Stanley W. Lyson , Chairman ; David Hogue, Vice Chairman

[email protected] ; [email protected] ; [email protected] ; [email protected] ; [email protected] ; [email protected] ; [email protected]

Or call the legislative telephone message center at 1-888-NDLEGIS (635-3447) or 701-328-3373 (local).


----------



## Dick Monson (Aug 12, 2002)

You're making the choice between this:









Or this:


----------



## Dick Monson (Aug 12, 2002)

And take a minute to thank these legislator sponsors of SCR-4027 for their support of preserving quality hunting in ND.

Senators
[email protected], [email protected], [email protected]

And Representatives
[email protected], [email protected], [email protected]


----------



## Dick Monson (Aug 12, 2002)

From: ND Sportsmen's Legislative Etree [mailto:[email protected]] 
Sent: Saturday, March 02, 2013 11:20 AM
Subject: ND Sportsman's Etree /SCR-4027

Note: The normal Nodakoutdoors.com Sportsman's Etree link is undergoing software reconstruction at this time. Temporarily, it will be sent by this method.

--------------------------------------------------------

3/ 2/ 2013

Senate Concurrent Resolution-4027 (Outdoor Heritage Resolution)

Request a Do Pass from the Senate Natural Resources Committee (email addresses below). Also do the same with your own district State Senator this weekend. http://www.legis.nd.gov/assembly/63-2013/members/senate

4027 would restore full funding of apx $100 million per year for the Outdoor Heritage proposal.
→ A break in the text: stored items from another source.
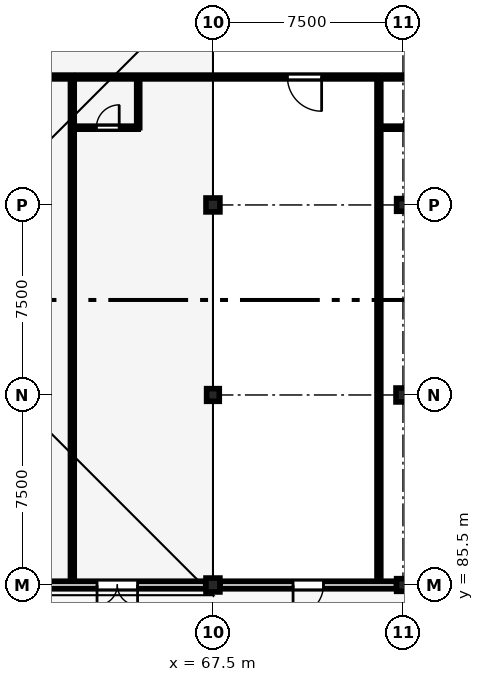
"""IFC4 building model, lengths in metres.
Left out: names, types, materials, properties, quantities, classifications, styles, units other than length and angle.
Written with IfcOpenShell. Run it as: python <this file> out.ifc"""

import sys

from ifc_helpers import new_model, si_unit, direction, frame, frame_2d, origin, origin_2d, place, context, subcontext, project, spatial, rectangle, extrude, element, fill, save


model = new_model("IFC4")
c1 = context("Model", 3, precision=1e-05, world=origin(), true_north=direction((0.0, 1.0)))
c2 = subcontext(c1, "Body", "Model", "MODEL_VIEW")
j1 = project(units=[si_unit("LENGTHUNIT", "METRE"), si_unit("PLANEANGLEUNIT", "RADIAN")], contexts=[c1])
p1 = place(None, origin())
s1 = spatial("IfcSite", under=j1, at=p1, CompositionType="ELEMENT")
p2 = place(p1, origin())
s2 = spatial("IfcBuilding", under=s1, at=p2, CompositionType="ELEMENT")
p3 = place(p2, frame((0.0, 0.0, 17.85)))
s3 = spatial("IfcBuildingStorey", under=s2, at=p3, CompositionType="ELEMENT", Elevation=17.85)
p4 = place(p3, frame((67.5, 85.5, 0.0), z_axis=(0.0, 0.0, 1.0), x_axis=(1.0, 0.0, 0.0)))
e1 = element("IfcColumn", 1, at=p4, inside=s3, PredefinedType="COLUMN", context=c2, shape_type="SweptSolid", body=[
    extrude(rectangle(XDim=0.55, YDim=0.55, at=origin_2d()), origin(), (0.0, 0.0, 1.0), 4.05),
])
p5 = place(p3, frame((67.5, 93.0, 0.0), z_axis=(0.0, 0.0, 1.0), x_axis=(1.0, 0.0, 0.0)))
e2 = element("IfcColumn", 2, at=p5, inside=s3, PredefinedType="COLUMN", context=c2, shape_type="SweptSolid", body=[
    extrude(rectangle(XDim=0.5, YDim=0.5, at=origin_2d()), origin(), (0.0, 0.0, 1.0), 4.05),
])
p6 = place(p3, frame((67.5, 100.5, 0.0), z_axis=(0.0, 0.0, 1.0), x_axis=(1.0, 0.0, 0.0)))
e3 = element("IfcColumn", 3, at=p6, inside=s3, PredefinedType="COLUMN", context=c2, shape_type="SweptSolid", body=[
    extrude(rectangle(XDim=0.55, YDim=0.55, at=origin_2d()), origin(), (0.0, 0.0, 1.0), 4.05),
])
p7 = place(p3, frame((75.0, 85.5, 0.0), z_axis=(0.0, 0.0, 1.0), x_axis=(1.0, 0.0, 0.0)))
e4 = element("IfcColumn", 4, at=p7, inside=s3, PredefinedType="COLUMN", context=c2, shape_type="SweptSolid", body=[
    extrude(rectangle(XDim=0.5, YDim=0.5, at=origin_2d()), origin(), (0.0, 0.0, 1.0), 4.05),
])
p8 = place(p3, frame((75.0, 93.0, 0.0), z_axis=(0.0, 0.0, 1.0), x_axis=(1.0, 0.0, 0.0)))
e5 = element("IfcColumn", 5, at=p8, inside=s3, PredefinedType="COLUMN", context=c2, shape_type="SweptSolid", body=[
    extrude(rectangle(XDim=0.55, YDim=0.55, at=origin_2d()), origin(), (0.0, 0.0, 1.0), 4.05),
])
p9 = place(p3, frame((75.0, 100.5, 0.0), z_axis=(0.0, 0.0, 1.0), x_axis=(1.0, 0.0, 0.0)))
e6 = element("IfcColumn", 6, at=p9, inside=s3, PredefinedType="COLUMN", context=c2, shape_type="SweptSolid", body=[
    extrude(rectangle(XDim=0.5, YDim=0.5, at=origin_2d()), origin(), (0.0, 0.0, 1.0), 4.05),
])
p10 = place(p3, frame((67.215, 85.5, 0.0), z_axis=(0.0, 0.0, 1.0), x_axis=(-1.0, 0.0, 0.0)))
e7 = element("IfcWall", 7, at=p10, inside=s3, PredefinedType="STANDARD", context=c2, shape_type="SweptSolid", body=[
    extrude(rectangle(XDim=6.98, YDim=0.3, at=frame_2d((3.49, 0.0))), origin(), (0.0, 0.0, 1.0), 3.77),
])
p11 = place(p10, frame((2.69, 0.0, 0.0)))
e8 = element("IfcOpeningElement", 8, at=p11, cuts=e7, PredefinedType="OPENING", context=c2, shape_type="SweptSolid", body=[
    extrude(rectangle(XDim=1.6, YDim=2.35, at=frame_2d((0.8, 1.175))), frame((0.0, 0.16, 0.0), z_axis=(0.0, -1.0, 0.0), x_axis=(1.0, 0.0, 0.0)), (0.0, 0.0, 1.0), 0.32),
])
p12 = place(p3, frame((74.74, 85.5, 0.0), z_axis=(0.0, 0.0, 1.0), x_axis=(-1.0, 0.0, 0.0)))
e9 = element("IfcWall", 9, at=p12, inside=s3, PredefinedType="STANDARD", context=c2, shape_type="SweptSolid", body=[
    extrude(rectangle(XDim=6.955, YDim=0.3, at=frame_2d((3.478, 0.0))), origin(), (0.0, 0.0, 1.0), 3.03),
])
p13 = place(p12, frame((2.877, 0.0, 0.0)))
e10 = element("IfcOpeningElement", 10, at=p13, cuts=e9, PredefinedType="OPENING", context=c2, shape_type="SweptSolid", body=[
    extrude(rectangle(XDim=1.2, YDim=2.3, at=frame_2d((0.6, 1.15))), frame((0.0, 0.16, 0.0), z_axis=(0.0, -1.0, 0.0), x_axis=(1.0, 0.0, 0.0)), (0.0, 0.0, 1.0), 0.32),
])
p14 = place(p3, frame((61.95, 105.55, 0.0), z_axis=(0.0, 0.0, 1.0), x_axis=(-1.0, 0.0, 0.0)))
e11 = element("IfcWall", 11, at=p14, inside=s3, PredefinedType="PARTITIONING", context=c2, shape_type="SweptSolid", body=[
    extrude(rectangle(XDim=11.9, YDim=0.15, at=frame_2d((5.95, 0.0))), origin(), (0.0, 0.0, 1.0), 3.755),
])
p15 = place(p14, frame((5.275, 0.0, 0.0)))
e12 = element("IfcOpeningElement", 12, at=p15, cuts=e11, PredefinedType="OPENING", context=c2, shape_type="SweptSolid", body=[
    extrude(rectangle(XDim=1.35, YDim=2.25, at=frame_2d((0.675, 1.125))), frame((0.0, 0.085, 0.0), z_axis=(0.0, -1.0, 0.0), x_axis=(1.0, 0.0, 0.0)), (0.0, 0.0, 1.0), 0.17),
])
p16 = place(p3, frame((74.05, 105.55, 0.0), z_axis=(0.0, 0.0, 1.0), x_axis=(-1.0, 0.0, 0.0)))
e13 = element("IfcWall", 13, at=p16, inside=s3, PredefinedType="PARTITIONING", context=c2, shape_type="SweptSolid", body=[
    extrude(rectangle(XDim=11.9, YDim=0.15, at=frame_2d((5.95, 0.0))), origin(), (0.0, 0.0, 1.0), 3.755),
])
p17 = place(p16, frame((2.26, 0.0, 0.0)))
e14 = element("IfcOpeningElement", 14, at=p17, cuts=e13, PredefinedType="OPENING", context=c2, shape_type="SweptSolid", body=[
    extrude(rectangle(XDim=1.35, YDim=2.25, at=frame_2d((0.675, 1.125))), frame((0.0, 0.085, 0.0), z_axis=(0.0, -1.0, 0.0), x_axis=(1.0, 0.0, 0.0)), (0.0, 0.0, 1.0), 0.17),
])
p18 = place(p3, frame((62.15, 103.55, 0.0), z_axis=(0.0, 0.0, 1.0), x_axis=(1.0, 0.0, 0.0)))
e15 = element("IfcWall", 15, at=p18, inside=s3, PredefinedType="PARTITIONING", context=c2, shape_type="SweptSolid", body=[
    extrude(rectangle(XDim=2.4, YDim=0.12, at=frame_2d((1.2, 0.0))), origin(), (0.0, 0.0, 1.0), 3.755),
])
p19 = place(p18, frame((0.75, 0.0, 0.0)))
e16 = element("IfcOpeningElement", 16, at=p19, cuts=e15, PredefinedType="OPENING", context=c2, shape_type="SweptSolid", body=[
    extrude(rectangle(XDim=0.9, YDim=2.1, at=frame_2d((0.45, 1.05))), frame((0.0, 0.07, 0.0), z_axis=(0.0, -1.0, 0.0), x_axis=(1.0, 0.0, 0.0)), (0.0, 0.0, 1.0), 0.14),
])
p20 = place(p3, frame((64.55, 103.55, 0.0), z_axis=(0.0, 0.0, 1.0), x_axis=(0.0, 1.0, 0.0)))
e17 = element("IfcWall", 17, at=p20, inside=s3, PredefinedType="PARTITIONING", context=c2, shape_type="SweptSolid", body=[
    extrude(rectangle(XDim=2.0, YDim=0.12, at=frame_2d((1.0, 0.0))), origin(), (0.0, 0.0, 1.0), 3.755),
])
p21 = place(p3, frame((86.15, 105.55, 0.0), z_axis=(0.0, 0.0, 1.0), x_axis=(-1.0, 0.0, 0.0)))
e18 = element("IfcWall", 18, at=p21, inside=s3, PredefinedType="PARTITIONING", context=c2, shape_type="SweptSolid", body=[
    extrude(rectangle(XDim=11.9, YDim=0.15, at=frame_2d((5.95, 0.0))), origin(), (0.0, 0.0, 1.0), 3.755),
])
p22 = place(p21, frame((6.28, 0.0, 0.0)))
e19 = element("IfcOpeningElement", 19, at=p22, cuts=e18, PredefinedType="OPENING", context=c2, shape_type="SweptSolid", body=[
    extrude(rectangle(XDim=1.35, YDim=2.25, at=frame_2d((0.675, 1.125))), frame((0.0, 0.085, 0.0), z_axis=(0.0, -1.0, 0.0), x_axis=(1.0, 0.0, 0.0)), (0.0, 0.0, 1.0), 0.17),
])
p23 = place(p3, frame((74.25, 103.55, 0.0), z_axis=(0.0, 0.0, 1.0), x_axis=(1.0, 0.0, 0.0)))
e20 = element("IfcWall", 20, at=p23, inside=s3, PredefinedType="PARTITIONING", context=c2, shape_type="SweptSolid", body=[
    extrude(rectangle(XDim=2.4, YDim=0.12, at=frame_2d((1.2, 0.0))), origin(), (0.0, 0.0, 1.0), 3.755),
])
p24 = place(p23, frame((0.75, 0.0, 0.0)))
e21 = element("IfcOpeningElement", 21, at=p24, cuts=e20, PredefinedType="OPENING", context=c2, shape_type="SweptSolid", body=[
    extrude(rectangle(XDim=0.9, YDim=2.1, at=frame_2d((0.45, 1.05))), frame((0.0, 0.07, 0.0), z_axis=(0.0, -1.0, 0.0), x_axis=(1.0, 0.0, 0.0)), (0.0, 0.0, 1.0), 0.14),
])
for number, where, z_axis, x_axis in (
    (22, (61.95, 85.85, 0.0), (0.0, 0.0, 1.0), (0.0, 1.0, 0.0)),
    (23, (74.05, 85.85, 0.0), (0.0, 0.0, 1.0), (0.0, 1.0, 0.0)),
):
    element("IfcWall", number, at=place(p3, frame(where, z_axis=z_axis, x_axis=x_axis)), inside=s3, PredefinedType="PARTITIONING", context=c2, shape_type="SweptSolid", body=[
        extrude(rectangle(XDim=19.7, YDim=0.15, at=frame_2d((9.85, 0.0))), origin(), (0.0, 0.0, 1.0), 3.755),
    ])
p25 = place(p11, origin())
e24 = element("IfcDoor", 24, at=p25, inside=s3, OperationType="DOUBLE_DOOR_SINGLE_SWING", PredefinedType="DOOR", context=c2, shape_type="SweptSolid", body=[
    extrude(rectangle(XDim=1.6, YDim=2.35, at=frame_2d((0.8, 1.175))), frame((0.0, 0.025, 0.0), z_axis=(0.0, -1.0, 0.0), x_axis=(1.0, 0.0, 0.0)), (0.0, 0.0, 1.0), 0.05),
])
fill(e8, e24)
p26 = place(p13, origin())
e25 = element("IfcDoor", 25, at=p26, inside=s3, OperationType="SINGLE_SWING_RIGHT", PredefinedType="DOOR", context=c2, shape_type="SweptSolid", body=[
    extrude(rectangle(XDim=1.2, YDim=2.3, at=frame_2d((0.6, 1.15))), frame((0.0, 0.025, 0.0), z_axis=(0.0, -1.0, 0.0), x_axis=(1.0, 0.0, 0.0)), (0.0, 0.0, 1.0), 0.05),
])
fill(e10, e25)
p27 = place(p17, origin())
e26 = element("IfcDoor", 26, at=p27, inside=s3, OperationType="SINGLE_SWING_LEFT", PredefinedType="DOOR", context=c2, shape_type="SweptSolid", body=[
    extrude(rectangle(XDim=1.35, YDim=2.25, at=frame_2d((0.675, 1.125))), frame((0.0, 0.025, 0.0), z_axis=(0.0, -1.0, 0.0), x_axis=(1.0, 0.0, 0.0)), (0.0, 0.0, 1.0), 0.05),
])
fill(e14, e26)
p28 = place(p19, origin())
e27 = element("IfcDoor", 27, at=p28, inside=s3, OperationType="SINGLE_SWING_RIGHT", PredefinedType="DOOR", context=c2, shape_type="SweptSolid", body=[
    extrude(rectangle(XDim=0.9, YDim=2.1, at=frame_2d((0.45, 1.05))), frame((0.0, 0.025, 0.0), z_axis=(0.0, -1.0, 0.0), x_axis=(1.0, 0.0, 0.0)), (0.0, 0.0, 1.0), 0.05),
])
fill(e16, e27)
p29 = place(p24, origin())
e28 = element("IfcDoor", 28, at=p29, inside=s3, OperationType="SINGLE_SWING_RIGHT", PredefinedType="DOOR", context=c2, shape_type="SweptSolid", body=[
    extrude(rectangle(XDim=0.9, YDim=2.1, at=frame_2d((0.45, 1.05))), frame((0.0, 0.025, 0.0), z_axis=(0.0, -1.0, 0.0), x_axis=(1.0, 0.0, 0.0)), (0.0, 0.0, 1.0), 0.05),
])
fill(e21, e28)
save(model, sys.argv[1])

It would also restore professional natural resource managers to the advisory board making grant decisions. If this concurrent resolution passes it will be placed on the ballot of the general election for a vote of ND citizens. It is being fast tracked in the legislature and requires your attention now. The hearing is next Thursday morning. Of all the wildlife-habitat bills addressed over the years SCR-4027 is going to be the most critical, as it replicates the original Outdoor Heritage Measure, unlike the diluted House version HB-1278. 4027 can reverse habitat destruction by finally funding a viable alternative for landowners. There is a major public benefit to this proposal, by soil and water conservation for farmers, increased access and habitat for all hunters and fishermen, outdoor recreational opportunities for citizens, and boosting tourism revenue all across North Dakota.

Please try to attend this hearing Thursday. The major testimony will be well covered but people are needed to step up to the podium and say " I support 4027."

SCR 4027 - Introduced by Sen's Axness, Sinner, Triplett; Rep's Guggisberg, S. Kelsh, Oversen. A concurrent resolution that would create an outdoor heritage fund from 4 percent of the total revenues from oil and gas production and extraction taxes and allows the fund to be administered by the outdoor heritage commission for clean water, lands and outdoor heritage. Senate Natural Resources Committee to hear 3/7, 9:30 a.m.

Full text:

http://www.legis.nd.gov/assembly/63-201 ... 0228174909

Please forward this Etree to your friends and request a Do Pass from the Senate Natural Resource Committee. 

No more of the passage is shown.